Typically I enjoy more of a chewy cookie, but every once in a while I want that satisfying crunch and crispness of something sweet.
I tweaked my Chewy Gingersnap recipe (which are included in my cookbook – available on Amazon!) to make them thin and crunchy.
These ginger cookies would also make a great base for ice cream sandwiches!
In fact, my best friend Ashley from Baker by Nature sent me ice cream from Salt & Straw, our favorite ice cream shoppe, as an early Christmas gift.
One of the flavors she sent was for Gingerbread Cookie Dough. I’m thinking I have to make ice cream sandwiches with these ginger snaps and that ice cream!!
Of course, they’re also marvelous on their own with a glass of milk or a cup of coffee or tea.
How to Make Thin & Crispy Gingersnaps
What are Gingersnaps?
A year-round favorite all over the world, Gingersnaps are particularly popular to welcome in the fall and winter holiday seasons! Gingersnaps are perfectly spiced with the most beautiful cracked, sugary tops. While these are mostly enjoyed during the colder months, I actually love them in the fall in Arizona, when the temps are slowly beginning to drop. They’re delicious with a glass of cold milk or even lemonade… and even better used in place of graham crackers for over-the-top s’mores!
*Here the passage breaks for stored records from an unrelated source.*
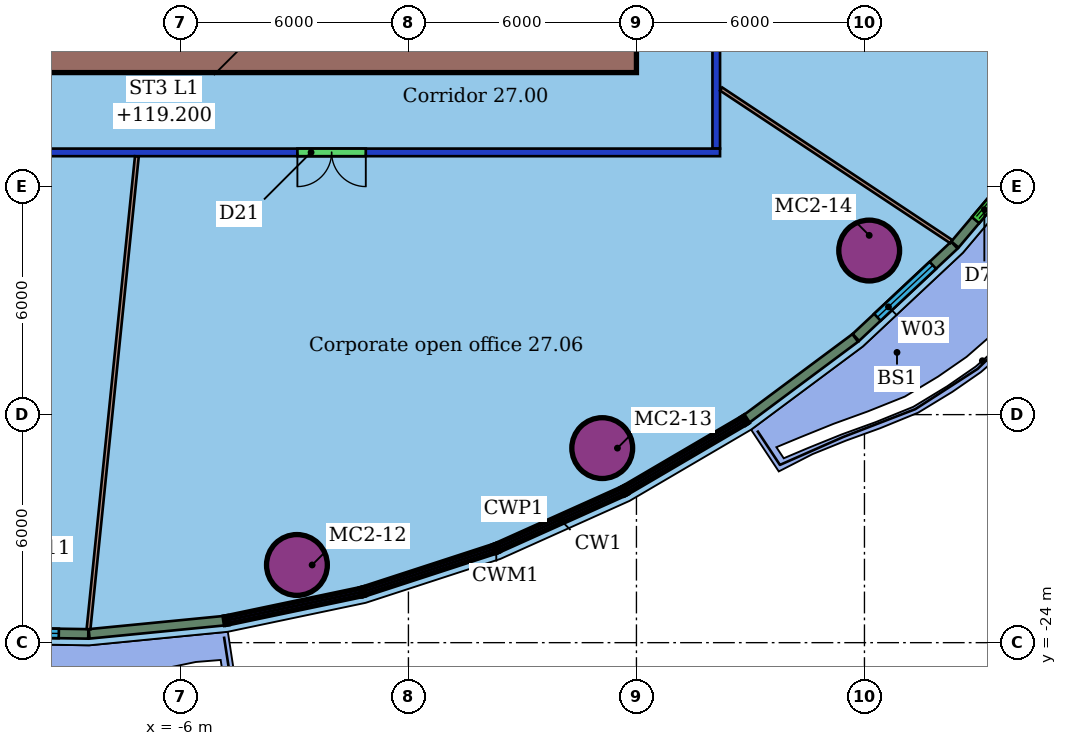
"""IFC4 building model, lengths in metres.
Left out: names, types, materials, properties, quantities, classifications, styles, units other than length and angle.
Written with IfcOpenShell. Run it as: python <this file> out.ifc"""

import sys

from ifc_helpers import new_model, si_unit, direction, frame, frame_2d, origin, origin_2d, place, context, subcontext, project, spatial, rectangle, hollow_circle, extrude, element, fill, save


model = new_model("IFC4")
c1 = context("Model", 3, precision=1e-05, world=origin(), true_north=direction((0.0, 1.0)))
c2 = subcontext(c1, "Body", "Model", "MODEL_VIEW")
j1 = project(units=[si_unit("LENGTHUNIT", "METRE"), si_unit("PLANEANGLEUNIT", "RADIAN")], contexts=[c1])
p1 = place(None, origin())
s1 = spatial("IfcSite", under=j1, at=p1, CompositionType="ELEMENT")
p2 = place(p1, origin())
s2 = spatial("IfcBuilding", under=s1, at=p2, CompositionType="ELEMENT")
p3 = place(p2, frame((0.0, 0.0, 117.4)))
s3 = spatial("IfcBuildingStorey", under=s2, at=p3, CompositionType="ELEMENT", Elevation=117.4)
for number, where, z_axis, x_axis in (
    (1, (-2.934, -21.956, 0.0), (0.0, 0.0, 1.0), (1.0, 0.0, 0.0)),
    (2, (5.1, -18.881, 0.0), (0.0, 0.0, 1.0), (1.0, 0.0, 0.0)),
    (3, (12.125, -13.683, 0.0), (0.0, 0.0, 1.0), (1.0, 0.0, 0.0)),
):
    element("IfcColumn", number, at=place(p3, frame(where, z_axis=z_axis, x_axis=x_axis)), inside=s3, PredefinedType="COLUMN", context=c2, shape_type="SweptSolid", body=[
        extrude(hollow_circle(Radius=0.8, WallThickness=0.055, at=origin_2d()), origin(), (0.0, 0.0, 1.0), 3.45),
    ])
p4 = place(p3, frame((8.2, -11.1, 0.0), z_axis=(0.0, 0.0, 1.0), x_axis=(-1.0, 0.0, 0.0)))
e4 = element("IfcWall", 4, at=p4, inside=s3, PredefinedType="PARTITIONING", context=c2, shape_type="SweptSolid", body=[
    extrude(rectangle(XDim=28.4, YDim=0.2, at=frame_2d((14.2, 0.0))), origin(), (0.0, 0.0, 1.0), 3.0),
])
p5 = place(p4, frame((18.882, 0.0, 0.0)))
e5 = element("IfcOpeningElement", 5, at=p5, cuts=e4, PredefinedType="OPENING", context=c2, shape_type="SweptSolid", body=[
    extrude(rectangle(XDim=1.8, YDim=2.1, at=frame_2d((0.9, 1.05))), frame((0.0, 0.11, 0.0), z_axis=(0.0, -1.0, 0.0), x_axis=(1.0, 0.0, 0.0)), (0.0, 0.0, 1.0), 0.22),
])
p6 = place(p4, frame((9.322, 0.0, 0.0)))
e6 = element("IfcOpeningElement", 6, at=p6, cuts=e4, PredefinedType="OPENING", context=c2, shape_type="SweptSolid", body=[
    extrude(rectangle(XDim=1.8, YDim=2.1, at=frame_2d((0.9, 1.05))), frame((0.0, 0.11, 0.0), z_axis=(0.0, -1.0, 0.0), x_axis=(1.0, 0.0, 0.0)), (0.0, 0.0, 1.0), 0.22),
])
p7 = place(p3, frame((8.1, 11.0, 0.0), z_axis=(0.0, 0.0, 1.0), x_axis=(0.0, -1.0, 0.0)))
e7 = element("IfcWall", 7, at=p7, inside=s3, PredefinedType="PARTITIONING", context=c2, shape_type="SweptSolid", body=[
    extrude(rectangle(XDim=22.0, YDim=0.2, at=frame_2d((11.0, 0.0))), origin(), (0.0, 0.0, 1.0), 3.0),
])
p8 = place(p7, frame((10.779, 0.0, 0.0)))
e8 = element("IfcOpeningElement", 8, at=p8, cuts=e7, PredefinedType="OPENING", context=c2, shape_type="SweptSolid", body=[
    extrude(rectangle(XDim=1.8, YDim=2.1, at=frame_2d((0.9, 1.05))), frame((0.0, 0.11, 0.0), z_axis=(0.0, -1.0, 0.0), x_axis=(1.0, 0.0, 0.0)), (0.0, 0.0, 1.0), 0.22),
])
p9 = place(p7, frame((3.555, 0.0, 0.0)))
e9 = element("IfcOpeningElement", 9, at=p9, cuts=e7, PredefinedType="OPENING", context=c2, shape_type="SweptSolid", body=[
    extrude(rectangle(XDim=1.8, YDim=2.1, at=frame_2d((0.9, 1.05))), frame((0.0, 0.11, 0.0), z_axis=(0.0, -1.0, 0.0), x_axis=(1.0, 0.0, 0.0)), (0.0, 0.0, 1.0), 0.22),
])
p10 = place(p3, frame((-8.418, -23.645, 0.0), z_axis=(0.0, 0.0, 1.0), x_axis=(0.101738063261, 0.994811221531, 0.0)))
e10 = element("IfcWall", 10, at=p10, inside=s3, PredefinedType="PARTITIONING", context=c2, shape_type="SweptSolid", body=[
    extrude(rectangle(XDim=12.505, YDim=0.1, at=frame_2d((6.252, 0.0))), origin(), (0.0, 0.0, 1.0), 3.45),
])
p11 = place(p3, frame((14.283, -13.447, 0.0), z_axis=(0.0, 0.0, 1.0), x_axis=(-0.833484611181, 0.552542670682, 0.0)))
e11 = element("IfcWall", 11, at=p11, inside=s3, PredefinedType="PARTITIONING", context=c2, shape_type="SweptSolid", body=[
    extrude(rectangle(XDim=7.266, YDim=0.1, at=frame_2d((3.633, 0.0))), origin(), (0.0, 0.0, 1.0), 3.45),
])
p12 = place(p3, frame((-11.975, -23.715, 0.0), z_axis=(0.0, 0.0, 1.0), x_axis=(0.999881433679, -0.015398655287, 0.0)))
e12 = element("IfcWall", 12, at=p12, inside=s3, PredefinedType="SOLIDWALL", context=c2, shape_type="SweptSolid", body=[
    extrude(rectangle(XDim=3.552, YDim=0.25, at=frame_2d((1.776, 0.0))), origin(), (0.0, 0.0, 1.0), 3.05),
])
p13 = place(p12, frame((0.776, 0.0, 0.9)))
e13 = element("IfcOpeningElement", 13, at=p13, cuts=e12, PredefinedType="OPENING", context=c2, shape_type="SweptSolid", body=[
    extrude(rectangle(XDim=2.0, YDim=2.1, at=frame_2d((1.0, 1.05))), frame((0.0, 0.135, 0.0), z_axis=(0.0, -1.0, 0.0), x_axis=(1.0, 0.0, 0.0)), (0.0, 0.0, 1.0), 0.27),
])
for number, where, z_axis, x_axis in (
    (14, (-8.402, -23.769, 0.0), (0.0, 0.0, 1.0), (0.995, 0.097, 0.0)),
    (15, (8.896, -18.112, 0.0), (0.0, 0.0, 1.0), (0.802, 0.597, 0.0)),
):
    element("IfcWall", number, at=place(p3, frame(where, z_axis=z_axis, x_axis=x_axis)), inside=s3, PredefinedType="SOLIDWALL", context=c2, shape_type="SweptSolid", body=[
        extrude(rectangle(XDim=3.567, YDim=0.25, at=frame_2d((1.783, 0.0))), origin(), (0.0, 0.0, 1.0), 3.05),
    ])
p14 = place(p3, frame((11.774, -15.968, 0.0), z_axis=(0.0, 0.0, 1.0), x_axis=(0.729895135737, 0.683559134843, 0.0)))
e16 = element("IfcWall", 16, at=p14, inside=s3, PredefinedType="SOLIDWALL", context=c2, shape_type="SweptSolid", body=[
    extrude(rectangle(XDim=3.551, YDim=0.25, at=frame_2d((1.776, 0.0))), origin(), (0.0, 0.0, 1.0), 3.05),
])
p15 = place(p14, frame((0.776, 0.0, 0.9)))
e17 = element("IfcOpeningElement", 17, at=p15, cuts=e16, PredefinedType="OPENING", context=c2, shape_type="SweptSolid", body=[
    extrude(rectangle(XDim=2.0, YDim=2.1, at=frame_2d((1.0, 1.05))), frame((0.0, 0.135, 0.0), z_axis=(0.0, -1.0, 0.0), x_axis=(1.0, 0.0, 0.0)), (0.0, 0.0, 1.0), 0.27),
])
p16 = place(p3, frame((14.381, -13.524, 0.0), z_axis=(0.0, 0.0, 1.0), x_axis=(0.645164421971, 0.764043760934, 0.0)))
e18 = element("IfcWall", 18, at=p16, inside=s3, PredefinedType="SOLIDWALL", context=c2, shape_type="SweptSolid", body=[
    extrude(rectangle(XDim=3.477, YDim=0.25, at=frame_2d((1.738, 0.0))), origin(), (0.0, 0.0, 1.0), 3.05),
])
p17 = place(p16, frame((0.839, 0.0, 0.0)))
e19 = element("IfcOpeningElement", 19, at=p17, cuts=e18, PredefinedType="OPENING", context=c2, shape_type="SweptSolid", body=[
    extrude(rectangle(XDim=1.8, YDim=2.4, at=frame_2d((0.9, 1.2))), frame((0.0, 0.135, 0.0), z_axis=(0.0, -1.0, 0.0), x_axis=(1.0, 0.0, 0.0)), (0.0, 0.0, 1.0), 0.27),
])
p18 = place(p3, frame((-18.0, -8.5, 0.0), z_axis=(0.0, 0.0, 1.0), x_axis=(1.0, 0.0, 0.0)))
e20 = element("IfcWall", 20, at=p18, inside=s3, PredefinedType="SHEAR", context=c2, shape_type="SweptSolid", body=[
    extrude(rectangle(XDim=24.0, YDim=1.0, at=frame_2d((12.0, 0.0))), origin(), (0.0, 0.0, 1.0), 3.3),
])
p19 = place(p18, frame((6.0, 0.0, 0.0)))
e21 = element("IfcOpeningElement", 21, at=p19, cuts=e20, PredefinedType="OPENING", context=c2, shape_type="SweptSolid", body=[
    extrude(rectangle(XDim=1.2, YDim=2.1, at=frame_2d((0.6, 1.05))), frame((0.0, 0.51, 0.0), z_axis=(0.0, -1.0, 0.0), x_axis=(1.0, 0.0, 0.0)), (0.0, 0.0, 1.0), 1.02),
])
p20 = place(p6, origin())
e22 = element("IfcDoor", 22, at=p20, inside=s3, OperationType="DOUBLE_DOOR_SINGLE_SWING", PredefinedType="DOOR", context=c2, shape_type="SweptSolid", body=[
    extrude(rectangle(XDim=1.8, YDim=2.1, at=frame_2d((0.9, 1.05))), frame((0.0, 0.025, 0.0), z_axis=(0.0, -1.0, 0.0), x_axis=(1.0, 0.0, 0.0)), (0.0, 0.0, 1.0), 0.05),
])
fill(e6, e22)
p21 = place(p13, origin())
e23 = element("IfcWindow", 23, at=p21, inside=s3, PartitioningType="SINGLE_PANEL", PredefinedType="WINDOW", context=c2, shape_type="SweptSolid", body=[
    extrude(rectangle(XDim=2.0, YDim=2.1, at=frame_2d((1.0, 1.05))), frame((0.0, 0.03, 0.0), z_axis=(0.0, -1.0, 0.0), x_axis=(1.0, 0.0, 0.0)), (0.0, 0.0, 1.0), 0.06),
])
fill(e13, e23)
p22 = place(p15, origin())
e24 = element("IfcWindow", 24, at=p22, inside=s3, PartitioningType="SINGLE_PANEL", PredefinedType="WINDOW", context=c2, shape_type="SweptSolid", body=[
    extrude(rectangle(XDim=2.0, YDim=2.1, at=frame_2d((1.0, 1.05))), frame((0.0, 0.03, 0.0), z_axis=(0.0, -1.0, 0.0), x_axis=(1.0, 0.0, 0.0)), (0.0, 0.0, 1.0), 0.06),
])
fill(e17, e24)
p23 = place(p17, origin())
e25 = element("IfcDoor", 25, at=p23, inside=s3, OperationType="DOUBLE_DOOR_SLIDING", PredefinedType="DOOR", context=c2, shape_type="SweptSolid", body=[
    extrude(rectangle(XDim=1.8, YDim=2.4, at=frame_2d((0.9, 1.2))), frame((0.0, 0.025, 0.0), z_axis=(0.0, -1.0, 0.0), x_axis=(1.0, 0.0, 0.0)), (0.0, 0.0, 1.0), 0.05),
])
fill(e19, e25)
save(model, sys.argv[1])

Gingersnaps are just what they sound like: a cookie flavored with ginger – plus other spices that we’ll talk more about below. Gingersnaps are typically crunchy or have a brittle texture, thus the “snap”. The spiciness of the ginger and richness of the molasses pairs perfectly with coffee, tea, hot cocoa, or mulled wine.
What Makes Cookies Crispy and Crackled?
- A heavy amount of baking soda interacts with the molasses in this recipe to encourage spread.
- This allows cracks in the dough to develop where moisture escapes, creating that beautiful crackled appearance and crunchy texture.
- Ensure your baking soda is fresh and active – learn more about that here.
- There’s also much more granulated sugar than brown sugar in this recipe. White sugar encourages more spread and has less moisture to make for a crisper cookie.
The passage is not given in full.